[RFC] implicit hugetlb pages (hugetlb_implicit)
David Gibson
david at gibson.dropbear.id.au
Tue Jan 13 10:57:08 EST 2004
On Mon, Jan 12, 2004 at 03:38:00PM -0800, Adam Litke wrote:
> Thank you for your comments and suggestions. They are proving very
> helpful as I work to clean this up.
Glad to hear it :)
> On Sun, 2004-01-11 at 20:19, David Gibson wrote:
> > On Fri, Jan 09, 2004 at 01:27:20PM -0800, Adam Litke wrote:
> > >
> > > hugetlb_implicit (2.6.0):
> > > This patch includes the anonymous mmap work from Dave Gibson
> > > (right?)
> >
> > I'm not sure what you're referring to here. My patches for lbss
> > support also include support for copy-on-write of hugepages and
> > various other changes which can make them act kind of like anonymous
> > pages.
> >
> > But I don't see much in this patch that looks familiar.
>
> Hmm. Could the original author of hugetlb for anonymous mmap claim
> credit for the initial code?
I think I once knew who it was, but I've forgotten, sorry.
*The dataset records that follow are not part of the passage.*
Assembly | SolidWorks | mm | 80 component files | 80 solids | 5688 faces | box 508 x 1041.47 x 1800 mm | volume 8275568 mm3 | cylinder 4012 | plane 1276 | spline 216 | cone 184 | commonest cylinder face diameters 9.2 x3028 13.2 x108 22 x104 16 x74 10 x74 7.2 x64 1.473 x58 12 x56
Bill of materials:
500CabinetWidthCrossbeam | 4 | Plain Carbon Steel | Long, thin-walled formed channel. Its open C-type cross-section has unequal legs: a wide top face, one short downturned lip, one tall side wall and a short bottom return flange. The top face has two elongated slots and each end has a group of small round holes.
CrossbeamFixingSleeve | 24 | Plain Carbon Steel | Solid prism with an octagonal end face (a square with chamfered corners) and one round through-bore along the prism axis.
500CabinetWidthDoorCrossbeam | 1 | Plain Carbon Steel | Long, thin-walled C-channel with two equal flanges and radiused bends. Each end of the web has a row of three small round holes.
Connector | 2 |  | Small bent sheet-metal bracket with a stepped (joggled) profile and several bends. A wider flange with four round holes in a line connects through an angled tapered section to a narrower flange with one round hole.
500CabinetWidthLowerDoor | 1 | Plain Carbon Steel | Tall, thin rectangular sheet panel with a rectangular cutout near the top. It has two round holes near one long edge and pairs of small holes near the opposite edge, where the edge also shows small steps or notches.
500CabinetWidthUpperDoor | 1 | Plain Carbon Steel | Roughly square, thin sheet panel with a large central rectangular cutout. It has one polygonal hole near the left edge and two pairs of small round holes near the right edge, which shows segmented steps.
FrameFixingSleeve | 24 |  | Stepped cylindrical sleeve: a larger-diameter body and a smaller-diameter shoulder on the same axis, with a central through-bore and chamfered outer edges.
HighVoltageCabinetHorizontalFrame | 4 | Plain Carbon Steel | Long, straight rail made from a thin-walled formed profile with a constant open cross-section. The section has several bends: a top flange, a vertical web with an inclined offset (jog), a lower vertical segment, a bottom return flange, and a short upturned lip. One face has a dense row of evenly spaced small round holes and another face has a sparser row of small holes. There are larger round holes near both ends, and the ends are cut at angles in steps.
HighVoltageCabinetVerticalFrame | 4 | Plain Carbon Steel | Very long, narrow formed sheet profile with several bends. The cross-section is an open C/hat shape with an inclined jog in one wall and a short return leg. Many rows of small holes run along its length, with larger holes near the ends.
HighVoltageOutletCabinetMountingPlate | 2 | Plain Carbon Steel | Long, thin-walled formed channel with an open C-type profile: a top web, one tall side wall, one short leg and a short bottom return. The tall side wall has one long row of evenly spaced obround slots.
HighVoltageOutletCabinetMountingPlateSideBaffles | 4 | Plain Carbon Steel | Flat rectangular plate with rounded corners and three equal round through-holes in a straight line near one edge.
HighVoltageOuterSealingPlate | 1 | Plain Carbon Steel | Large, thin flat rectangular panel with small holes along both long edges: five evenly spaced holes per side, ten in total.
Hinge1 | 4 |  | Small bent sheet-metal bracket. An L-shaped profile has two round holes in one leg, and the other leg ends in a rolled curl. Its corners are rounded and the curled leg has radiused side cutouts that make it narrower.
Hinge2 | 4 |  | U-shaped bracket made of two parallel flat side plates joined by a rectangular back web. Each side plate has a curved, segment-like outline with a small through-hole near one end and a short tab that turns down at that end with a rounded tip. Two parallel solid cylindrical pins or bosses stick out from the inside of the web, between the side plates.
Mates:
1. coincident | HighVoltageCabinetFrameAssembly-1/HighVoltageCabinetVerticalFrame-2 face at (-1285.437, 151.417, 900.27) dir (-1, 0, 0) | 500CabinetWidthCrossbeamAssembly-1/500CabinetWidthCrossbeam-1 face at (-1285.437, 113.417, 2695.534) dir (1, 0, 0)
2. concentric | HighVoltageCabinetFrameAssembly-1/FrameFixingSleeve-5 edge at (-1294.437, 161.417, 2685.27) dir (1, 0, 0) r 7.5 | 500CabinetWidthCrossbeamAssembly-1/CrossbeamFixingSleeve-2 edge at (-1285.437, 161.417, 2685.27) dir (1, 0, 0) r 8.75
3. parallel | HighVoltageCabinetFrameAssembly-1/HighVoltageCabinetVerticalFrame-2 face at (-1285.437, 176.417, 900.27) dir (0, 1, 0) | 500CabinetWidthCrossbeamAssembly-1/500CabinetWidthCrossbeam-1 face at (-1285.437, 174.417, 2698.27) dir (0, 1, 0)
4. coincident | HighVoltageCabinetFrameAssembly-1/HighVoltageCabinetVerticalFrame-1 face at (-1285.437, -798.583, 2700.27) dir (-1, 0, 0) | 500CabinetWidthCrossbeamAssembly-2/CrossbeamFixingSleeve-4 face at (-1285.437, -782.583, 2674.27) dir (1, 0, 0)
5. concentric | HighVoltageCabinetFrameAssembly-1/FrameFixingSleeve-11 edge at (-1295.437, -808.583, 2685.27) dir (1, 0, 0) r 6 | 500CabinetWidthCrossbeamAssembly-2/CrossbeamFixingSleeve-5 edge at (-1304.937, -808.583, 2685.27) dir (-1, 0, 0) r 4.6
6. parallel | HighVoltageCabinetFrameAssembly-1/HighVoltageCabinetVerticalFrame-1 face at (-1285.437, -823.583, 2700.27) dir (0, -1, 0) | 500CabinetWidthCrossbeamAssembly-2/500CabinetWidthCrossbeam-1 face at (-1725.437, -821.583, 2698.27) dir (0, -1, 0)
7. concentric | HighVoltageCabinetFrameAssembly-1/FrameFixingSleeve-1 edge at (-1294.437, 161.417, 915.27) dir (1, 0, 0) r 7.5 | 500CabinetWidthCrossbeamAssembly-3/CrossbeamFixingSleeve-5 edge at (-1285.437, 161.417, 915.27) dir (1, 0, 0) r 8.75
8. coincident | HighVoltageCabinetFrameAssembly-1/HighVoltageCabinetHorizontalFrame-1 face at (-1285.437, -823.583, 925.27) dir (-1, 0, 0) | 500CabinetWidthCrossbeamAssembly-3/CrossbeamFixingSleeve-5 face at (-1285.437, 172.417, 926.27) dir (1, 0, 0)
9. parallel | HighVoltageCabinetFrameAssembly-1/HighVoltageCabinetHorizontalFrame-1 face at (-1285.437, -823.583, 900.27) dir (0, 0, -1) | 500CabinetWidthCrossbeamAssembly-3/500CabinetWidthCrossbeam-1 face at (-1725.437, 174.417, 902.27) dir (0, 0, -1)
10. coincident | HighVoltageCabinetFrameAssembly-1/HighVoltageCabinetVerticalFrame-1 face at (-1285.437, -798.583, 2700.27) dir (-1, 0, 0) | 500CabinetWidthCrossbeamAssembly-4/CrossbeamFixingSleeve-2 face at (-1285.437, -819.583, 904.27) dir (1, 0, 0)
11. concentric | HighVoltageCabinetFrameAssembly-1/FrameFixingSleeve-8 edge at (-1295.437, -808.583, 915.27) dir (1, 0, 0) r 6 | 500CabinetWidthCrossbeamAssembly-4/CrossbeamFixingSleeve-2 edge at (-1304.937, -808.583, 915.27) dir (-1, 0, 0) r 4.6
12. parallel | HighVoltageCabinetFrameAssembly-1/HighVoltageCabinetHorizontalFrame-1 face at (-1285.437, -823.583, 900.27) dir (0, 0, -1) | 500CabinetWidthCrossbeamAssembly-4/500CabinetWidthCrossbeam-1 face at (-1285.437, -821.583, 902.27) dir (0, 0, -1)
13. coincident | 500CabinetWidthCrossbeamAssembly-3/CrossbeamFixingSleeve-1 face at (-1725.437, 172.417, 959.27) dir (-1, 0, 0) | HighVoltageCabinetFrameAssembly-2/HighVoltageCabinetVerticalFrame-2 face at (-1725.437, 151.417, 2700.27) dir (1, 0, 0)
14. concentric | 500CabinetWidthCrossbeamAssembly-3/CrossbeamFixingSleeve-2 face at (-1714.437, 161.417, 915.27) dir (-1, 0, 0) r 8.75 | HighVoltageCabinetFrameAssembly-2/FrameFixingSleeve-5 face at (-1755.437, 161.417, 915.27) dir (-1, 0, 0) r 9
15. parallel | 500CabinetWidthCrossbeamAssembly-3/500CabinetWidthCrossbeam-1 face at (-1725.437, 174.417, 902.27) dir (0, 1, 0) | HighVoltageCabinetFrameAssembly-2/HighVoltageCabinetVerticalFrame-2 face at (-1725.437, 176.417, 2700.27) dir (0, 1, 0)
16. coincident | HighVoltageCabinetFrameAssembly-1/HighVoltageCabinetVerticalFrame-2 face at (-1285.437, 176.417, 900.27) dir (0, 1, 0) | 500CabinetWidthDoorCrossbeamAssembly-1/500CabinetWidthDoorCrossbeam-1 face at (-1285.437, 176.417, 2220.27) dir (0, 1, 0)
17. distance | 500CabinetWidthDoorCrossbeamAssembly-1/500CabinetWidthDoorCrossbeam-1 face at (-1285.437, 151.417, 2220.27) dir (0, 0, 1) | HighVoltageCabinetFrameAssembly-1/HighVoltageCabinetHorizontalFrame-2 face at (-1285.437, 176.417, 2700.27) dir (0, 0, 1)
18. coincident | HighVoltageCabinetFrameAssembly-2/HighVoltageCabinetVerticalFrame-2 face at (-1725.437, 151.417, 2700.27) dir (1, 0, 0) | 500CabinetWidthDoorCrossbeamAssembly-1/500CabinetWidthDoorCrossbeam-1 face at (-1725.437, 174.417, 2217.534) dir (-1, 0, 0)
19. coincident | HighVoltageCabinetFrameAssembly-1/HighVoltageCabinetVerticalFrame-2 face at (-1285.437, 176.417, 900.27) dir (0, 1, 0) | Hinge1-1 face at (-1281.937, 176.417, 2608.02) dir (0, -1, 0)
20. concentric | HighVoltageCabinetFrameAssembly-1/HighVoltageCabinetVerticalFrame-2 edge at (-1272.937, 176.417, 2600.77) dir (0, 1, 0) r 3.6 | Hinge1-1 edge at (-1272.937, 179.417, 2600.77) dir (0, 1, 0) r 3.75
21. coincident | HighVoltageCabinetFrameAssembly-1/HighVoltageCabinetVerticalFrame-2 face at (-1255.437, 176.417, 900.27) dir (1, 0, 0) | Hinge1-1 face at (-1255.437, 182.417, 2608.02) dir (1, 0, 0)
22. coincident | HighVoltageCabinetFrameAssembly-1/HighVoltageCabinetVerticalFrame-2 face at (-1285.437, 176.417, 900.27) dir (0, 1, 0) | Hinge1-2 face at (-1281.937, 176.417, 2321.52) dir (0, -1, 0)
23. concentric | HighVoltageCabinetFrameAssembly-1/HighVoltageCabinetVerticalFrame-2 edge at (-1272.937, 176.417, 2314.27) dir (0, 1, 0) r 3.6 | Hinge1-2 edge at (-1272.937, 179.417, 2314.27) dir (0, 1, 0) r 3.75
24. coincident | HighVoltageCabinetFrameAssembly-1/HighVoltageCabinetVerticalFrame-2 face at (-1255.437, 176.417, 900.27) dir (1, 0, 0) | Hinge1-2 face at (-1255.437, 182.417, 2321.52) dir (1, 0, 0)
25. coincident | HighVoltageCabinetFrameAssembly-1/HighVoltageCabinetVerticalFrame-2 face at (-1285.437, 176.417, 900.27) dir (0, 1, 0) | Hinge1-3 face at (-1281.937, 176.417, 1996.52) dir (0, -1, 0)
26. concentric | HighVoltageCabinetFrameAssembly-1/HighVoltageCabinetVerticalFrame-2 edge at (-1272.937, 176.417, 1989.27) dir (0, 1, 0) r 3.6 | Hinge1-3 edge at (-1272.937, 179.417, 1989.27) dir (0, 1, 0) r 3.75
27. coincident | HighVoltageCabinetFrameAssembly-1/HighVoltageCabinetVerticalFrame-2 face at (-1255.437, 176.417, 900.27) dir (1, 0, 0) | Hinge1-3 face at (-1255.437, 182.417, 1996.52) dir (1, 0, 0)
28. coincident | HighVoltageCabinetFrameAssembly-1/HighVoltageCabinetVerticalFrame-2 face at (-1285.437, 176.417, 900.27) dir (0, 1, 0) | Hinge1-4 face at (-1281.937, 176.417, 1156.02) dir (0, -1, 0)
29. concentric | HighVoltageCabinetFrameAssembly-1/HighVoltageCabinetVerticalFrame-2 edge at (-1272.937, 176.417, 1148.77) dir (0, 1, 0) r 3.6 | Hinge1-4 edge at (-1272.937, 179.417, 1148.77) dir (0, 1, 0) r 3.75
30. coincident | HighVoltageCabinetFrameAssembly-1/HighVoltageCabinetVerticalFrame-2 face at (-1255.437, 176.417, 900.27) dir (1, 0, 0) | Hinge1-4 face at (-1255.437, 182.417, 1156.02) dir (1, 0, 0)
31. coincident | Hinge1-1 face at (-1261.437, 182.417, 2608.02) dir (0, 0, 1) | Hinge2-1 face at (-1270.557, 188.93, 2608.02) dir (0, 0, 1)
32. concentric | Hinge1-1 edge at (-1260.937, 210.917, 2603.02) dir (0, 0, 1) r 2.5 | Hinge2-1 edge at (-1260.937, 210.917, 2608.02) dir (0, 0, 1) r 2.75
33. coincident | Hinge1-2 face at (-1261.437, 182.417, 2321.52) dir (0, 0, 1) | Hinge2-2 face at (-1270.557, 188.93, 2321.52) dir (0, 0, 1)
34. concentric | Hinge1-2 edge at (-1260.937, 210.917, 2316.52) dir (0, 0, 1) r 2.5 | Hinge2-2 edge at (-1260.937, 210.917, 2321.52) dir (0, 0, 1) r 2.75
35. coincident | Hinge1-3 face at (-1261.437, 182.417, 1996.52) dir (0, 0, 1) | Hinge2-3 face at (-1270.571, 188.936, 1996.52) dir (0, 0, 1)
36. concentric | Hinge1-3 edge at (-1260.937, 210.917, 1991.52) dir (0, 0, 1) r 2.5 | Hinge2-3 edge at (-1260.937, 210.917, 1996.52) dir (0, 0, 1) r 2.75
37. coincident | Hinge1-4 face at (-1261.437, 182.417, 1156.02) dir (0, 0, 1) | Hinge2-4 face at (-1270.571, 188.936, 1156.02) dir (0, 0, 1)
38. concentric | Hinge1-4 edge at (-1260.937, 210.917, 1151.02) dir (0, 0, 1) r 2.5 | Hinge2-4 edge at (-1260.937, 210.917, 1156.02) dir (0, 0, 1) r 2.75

Incidentally, you probably do want to fold in my hugepage-COW stuff
(although it does mean some more generic changes). Otherwise
hugepages are always MAP_SHARED, which means with an implicit hugepage
mmap() certain regions of memory will silently have totally different
semantics to what you expect - it could get very weird across a
fork().
And for that matter there's at least one plain-old-bug in the current
hugepage code which is addressed in my patch (the LOW_HPAGES bit isn't
propagated correctly across a fork()).
I'll attach my patch, which also includes the hugepage ELF segment
stuff. I'm afraid I haven't had a chance to separate out those parts
of the patch yet.
> > > + /* Do we have enough free huge pages? */
> > > + if (!is_hugepage_mem_enough(len))
> > > + return 0;
> >
> > Is this test safe/necessary? i.e. a) is there any potential race
> > which could cause the mmap() to fail because it's short of memory
> > despite suceeding the test here and b) can't we just let the mmap
> > fail and fall back then rather than checking beforehand?
>
> You're right. Now that safe fallback is working, we might as well
> defer this test to get_unmapped area.
Ok.
> > Do we need/want any consideration of the given "hint" address here?
>
> I am trying to do what the kernel does for normal mmaps here. If
> someone hints at an address, they hopefully have a good reason for it.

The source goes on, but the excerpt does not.